Hauptvorteile der automatischen Skalierung
- 40-60% Budgeteinsparung — Sie zahlen nur für aktiv genutzte IPs und nicht für einen statischen Pool "auf Maximum"
- Schutz vor Sperren — das System reagiert sofort auf den Anstieg von Fehlern und fügt Proxys hinzu, bevor es zu massiven Sperren kommt
- Stabile Arbeitsgeschwindigkeit — die Last wird gleichmäßig verteilt, es gibt keine Einbrüche in Spitzenzeiten
- Flexibilität für Aufgaben — verschiedene Skalierungsregeln können für Scraping, Account-Farming, Werbung eingerichtet werden
Wann ist automatische Skalierung erforderlich: 5 Szenarien
Die Skalierung des Proxy-Pools ist nicht immer notwendig. Wenn Sie 5 Instagram-Konten führen oder 100 Produkte pro Tag scrapen — reicht ein statischer Pool von 10-20 Proxys aus. Aber es gibt Aufgaben, bei denen man ohne automatische Verwaltung des Pools nicht auskommt.
1. Scraping von Marktplätzen mit variabler Last
Typische Situation für die Preisüberwachung auf Wildberries, Ozon, Yandex.Market. Zu normalen Zeiten (von 3:00 bis 10:00 Uhr) geben die Marktplätze die Daten problemlos weiter, die Limits sind weich. In Spitzenzeiten (von 18:00 bis 23:00 Uhr) beginnen strenge Einschränkungen: Captchas nach 3-5 Anfragen von einer IP, Blockierungen von Subnetzen, Verzögerungen bei den Antworten.
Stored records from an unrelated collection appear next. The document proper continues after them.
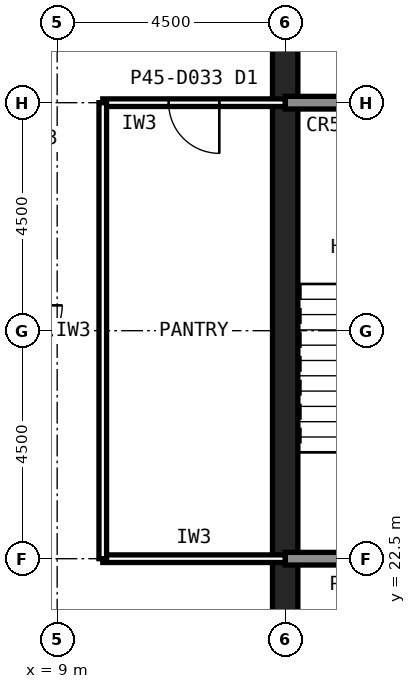
"""IFC4 building model, lengths in metres.
Left out: names, types, materials, properties, quantities, classifications, styles, units other than length and angle.
Written with IfcOpenShell. Run it as: python <this file> out.ifc"""

import sys

from ifc_helpers import new_model, si_unit, direction, frame, frame_2d, origin, place, context, subcontext, project, spatial, rectangle, extrude, element, fill, save


model = new_model("IFC4")
c1 = context("Model", 3, precision=1e-05, world=origin(), true_north=direction((0.0, 1.0)))
c2 = subcontext(c1, "Body", "Model", "MODEL_VIEW")
j1 = project(units=[si_unit("LENGTHUNIT", "METRE"), si_unit("PLANEANGLEUNIT", "RADIAN")], contexts=[c1])
p1 = place(None, origin())
s1 = spatial("IfcSite", under=j1, at=p1, CompositionType="ELEMENT")
p2 = place(p1, origin())
s2 = spatial("IfcBuilding", under=s1, at=p2, CompositionType="ELEMENT")
p3 = place(p2, frame((0.0, 0.0, 191.6)))
s3 = spatial("IfcBuildingStorey", under=s2, at=p3, CompositionType="ELEMENT", Elevation=191.6)
p4 = place(p3, frame((13.5, 40.5, 0.0), z_axis=(0.0, 0.0, 1.0), x_axis=(0.0, -1.0, 0.0)))
e1 = element("IfcWall", 1, at=p4, inside=s3, PredefinedType="SHEAR", context=c2, shape_type="SweptSolid", body=[
    extrude(rectangle(XDim=27.0, YDim=0.5, at=frame_2d((13.5, 0.0))), origin(), (0.0, 0.0, 1.0), 4.0),
])
p5 = place(p4, frame((19.65, 0.0, 0.0)))
e2 = element("IfcOpeningElement", 2, at=p5, cuts=e1, PredefinedType="OPENING", context=c2, shape_type="SweptSolid", body=[
    extrude(rectangle(XDim=1.2, YDim=2.1, at=frame_2d((0.6, 1.05))), frame((0.0, 0.26, 0.0), z_axis=(0.0, -1.0, 0.0), x_axis=(1.0, 0.0, 0.0)), (0.0, 0.0, 1.0), 0.52),
])
p6 = place(p4, frame((5.85, 0.0, 0.0)))
e3 = element("IfcOpeningElement", 3, at=p6, cuts=e1, PredefinedType="OPENING", context=c2, shape_type="SweptSolid", body=[
    extrude(rectangle(XDim=1.8, YDim=2.1, at=frame_2d((0.9, 1.05))), frame((0.0, 0.26, 0.0), z_axis=(0.0, -1.0, 0.0), x_axis=(1.0, 0.0, 0.0)), (0.0, 0.0, 1.0), 0.52),
])
p7 = place(p3, frame((13.5, 22.5, 0.0), z_axis=(0.0, 0.0, 1.0), x_axis=(1.0, 0.0, 0.0)))
e4 = element("IfcWall", 4, at=p7, inside=s3, PredefinedType="SOLIDWALL", context=c2, shape_type="SweptSolid", body=[
    extrude(rectangle(XDim=27.0, YDim=0.25, at=frame_2d((13.5, 0.0))), origin(), (0.0, 0.0, 1.0), 3.84),
])
p8 = place(p7, frame((1.65, 0.0, 0.0)))
e5 = element("IfcOpeningElement", 5, at=p8, cuts=e4, PredefinedType="OPENING", context=c2, shape_type="SweptSolid", body=[
    extrude(rectangle(XDim=1.2, YDim=2.1, at=frame_2d((0.6, 1.05))), frame((0.0, 0.135, 0.0), z_axis=(0.0, -1.0, 0.0), x_axis=(1.0, 0.0, 0.0)), (0.0, 0.0, 1.0), 0.27),
])
p9 = place(p7, frame((6.025, 0.0, 0.0)))
e6 = element("IfcOpeningElement", 6, at=p9, cuts=e4, PredefinedType="OPENING", context=c2, shape_type="SweptSolid", body=[
    extrude(rectangle(XDim=1.0, YDim=2.1, at=frame_2d((0.5, 1.05))), frame((0.0, 0.135, 0.0), z_axis=(0.0, -1.0, 0.0), x_axis=(1.0, 0.0, 0.0)), (0.0, 0.0, 1.0), 0.27),
])
p10 = place(p7, frame((10.525, 0.0, 0.0)))
e7 = element("IfcOpeningElement", 7, at=p10, cuts=e4, PredefinedType="OPENING", context=c2, shape_type="SweptSolid", body=[
    extrude(rectangle(XDim=1.0, YDim=2.1, at=frame_2d((0.5, 1.05))), frame((0.0, 0.135, 0.0), z_axis=(0.0, -1.0, 0.0), x_axis=(1.0, 0.0, 0.0)), (0.0, 0.0, 1.0), 0.27),
])
p11 = place(p7, frame((19.75, 0.0, 0.0)))
e8 = element("IfcOpeningElement", 8, at=p11, cuts=e4, PredefinedType="OPENING", context=c2, shape_type="SweptSolid", body=[
    extrude(rectangle(XDim=1.0, YDim=2.1, at=frame_2d((0.5, 1.05))), frame((0.0, 0.135, 0.0), z_axis=(0.0, -1.0, 0.0), x_axis=(1.0, 0.0, 0.0)), (0.0, 0.0, 1.0), 0.27),
])
p12 = place(p7, frame((15.05, 0.0, 0.0)))
e9 = element("IfcOpeningElement", 9, at=p12, cuts=e4, PredefinedType="OPENING", context=c2, shape_type="SweptSolid", body=[
    extrude(rectangle(XDim=1.4, YDim=2.4, at=frame_2d((0.7, 1.2))), frame((0.0, 0.135, 0.0), z_axis=(0.0, -1.0, 0.0), x_axis=(1.0, 0.0, 0.0)), (0.0, 0.0, 1.0), 0.27),
])
p13 = place(p3, frame((13.5, 31.5, 0.0), z_axis=(0.0, 0.0, 1.0), x_axis=(1.0, 0.0, 0.0)))
e10 = element("IfcWall", 10, at=p13, inside=s3, PredefinedType="SOLIDWALL", context=c2, shape_type="SweptSolid", body=[
    extrude(rectangle(XDim=27.0, YDim=0.25, at=frame_2d((13.5, 0.0))), origin(), (0.0, 0.0, 1.0), 3.84),
])
p14 = place(p13, frame((24.15, 0.0, 0.0)))
e11 = element("IfcOpeningElement", 11, at=p14, cuts=e10, PredefinedType="OPENING", context=c2, shape_type="SweptSolid", body=[
    extrude(rectangle(XDim=1.2, YDim=2.1, at=frame_2d((0.6, 1.05))), frame((0.0, 0.135, 0.0), z_axis=(0.0, -1.0, 0.0), x_axis=(1.0, 0.0, 0.0)), (0.0, 0.0, 1.0), 0.27),
])
p15 = place(p13, frame((15.3, 0.0, 0.0)))
e12 = element("IfcOpeningElement", 12, at=p15, cuts=e10, PredefinedType="OPENING", context=c2, shape_type="SweptSolid", body=[
    extrude(rectangle(XDim=0.9, YDim=2.1, at=frame_2d((0.45, 1.05))), frame((0.0, 0.135, 0.0), z_axis=(0.0, -1.0, 0.0), x_axis=(1.0, 0.0, 0.0)), (0.0, 0.0, 1.0), 0.27),
])
p16 = place(p13, frame((19.8, 0.0, 0.0)))
e13 = element("IfcOpeningElement", 13, at=p16, cuts=e10, PredefinedType="OPENING", context=c2, shape_type="SweptSolid", body=[
    extrude(rectangle(XDim=0.9, YDim=2.1, at=frame_2d((0.45, 1.05))), frame((0.0, 0.135, 0.0), z_axis=(0.0, -1.0, 0.0), x_axis=(1.0, 0.0, 0.0)), (0.0, 0.0, 1.0), 0.27),
])
p17 = place(p3, frame((9.9, 22.5, 0.0), z_axis=(0.0, 0.0, 1.0), x_axis=(1.0, 0.0, 0.0)))
e14 = element("IfcWall", 14, at=p17, inside=s3, PredefinedType="PARTITIONING", context=c2, shape_type="SweptSolid", body=[
    extrude(rectangle(XDim=3.6, YDim=0.15, at=frame_2d((1.8, 0.0))), origin(), (0.0, 0.0, 1.0), 2.989),
])
p18 = place(p3, frame((13.5, 31.5, 0.0), z_axis=(0.0, 0.0, 1.0), x_axis=(-1.0, 0.0, 0.0)))
e15 = element("IfcWall", 15, at=p18, inside=s3, PredefinedType="PARTITIONING", context=c2, shape_type="SweptSolid", body=[
    extrude(rectangle(XDim=3.6, YDim=0.15, at=frame_2d((1.8, 0.0))), origin(), (0.0, 0.0, 1.0), 2.989),
])
p19 = place(p18, frame((1.3, 0.0, 0.0)))
e16 = element("IfcOpeningElement", 16, at=p19, cuts=e15, PredefinedType="OPENING", context=c2, shape_type="SweptSolid", body=[
    extrude(rectangle(XDim=1.0, YDim=2.1, at=frame_2d((0.5, 1.05))), frame((0.0, 0.085, 0.0), z_axis=(0.0, -1.0, 0.0), x_axis=(1.0, 0.0, 0.0)), (0.0, 0.0, 1.0), 0.17),
])
p20 = place(p3, frame((9.9, 31.5, 0.0), z_axis=(0.0, 0.0, 1.0), x_axis=(0.0, -1.0, 0.0)))
e17 = element("IfcWall", 17, at=p20, inside=s3, PredefinedType="PARTITIONING", context=c2, shape_type="SweptSolid", body=[
    extrude(rectangle(XDim=9.0, YDim=0.15, at=frame_2d((4.5, 0.0))), origin(), (0.0, 0.0, 1.0), 3.84),
])
p21 = place(p19, origin())
e18 = element("IfcDoor", 18, at=p21, inside=s3, OperationType="SINGLE_SWING_LEFT", PredefinedType="DOOR", context=c2, shape_type="SweptSolid", body=[
    extrude(rectangle(XDim=1.0, YDim=2.1, at=frame_2d((0.5, 1.05))), frame((0.0, 0.025, 0.0), z_axis=(0.0, -1.0, 0.0), x_axis=(1.0, 0.0, 0.0)), (0.0, 0.0, 1.0), 0.05),
])
fill(e16, e18)
save(model, sys.argv[1])

Beispiel: Sie scrapen 50.000 Produkte pro Tag. Nachts reichen 30 IPs für 2000 Anfragen pro Stunde von jedem. Abends erfordert dasselbe Volumen bereits 100-120 IPs, da das Limit auf 500-700 Anfragen pro IP sinkt. Ein statischer Pool von 120 Proxys arbeitet rund um die Uhr — Überzahlung von 75% in den Nachtstunden. Die Skalierung hebt den Pool automatisch auf 120 IPs von 18:00 bis 23:00 Uhr, hält zu anderen Zeiten 30-40.
2. Farming von Werbekonten für Facebook Ads und TikTok Ads
Arbitrageure erstellen und wärmen massenhaft Konten in Werbe-Dashboards. Aufgabe: innerhalb einer Woche 50 Facebook-Konten von Grund auf bis zum Start der ersten Kampagne hochzuziehen. Jedes Konto benötigt eine eigene IP (sonst verbindet der Chain-Ban alle Profile).
Aber die Konten werden ungleichmäßig gefarmt: In den ersten 2 Tagen sind 50 Profile aktiv (benötigen 50 Proxys), am 3.-4. Tag gehen einige Konten in "Ruhe" (20-30 IPs für aktive sind ausreichend), am 5.-7. Tag gibt es wieder einen Aktivitätshöhepunkt vor dem Start der Kampagnen (wieder 50 IPs). Mit der Skalierung verbindet das System Proxys nur für aktive Konten, Einsparungen von bis zu 50% in einer Woche.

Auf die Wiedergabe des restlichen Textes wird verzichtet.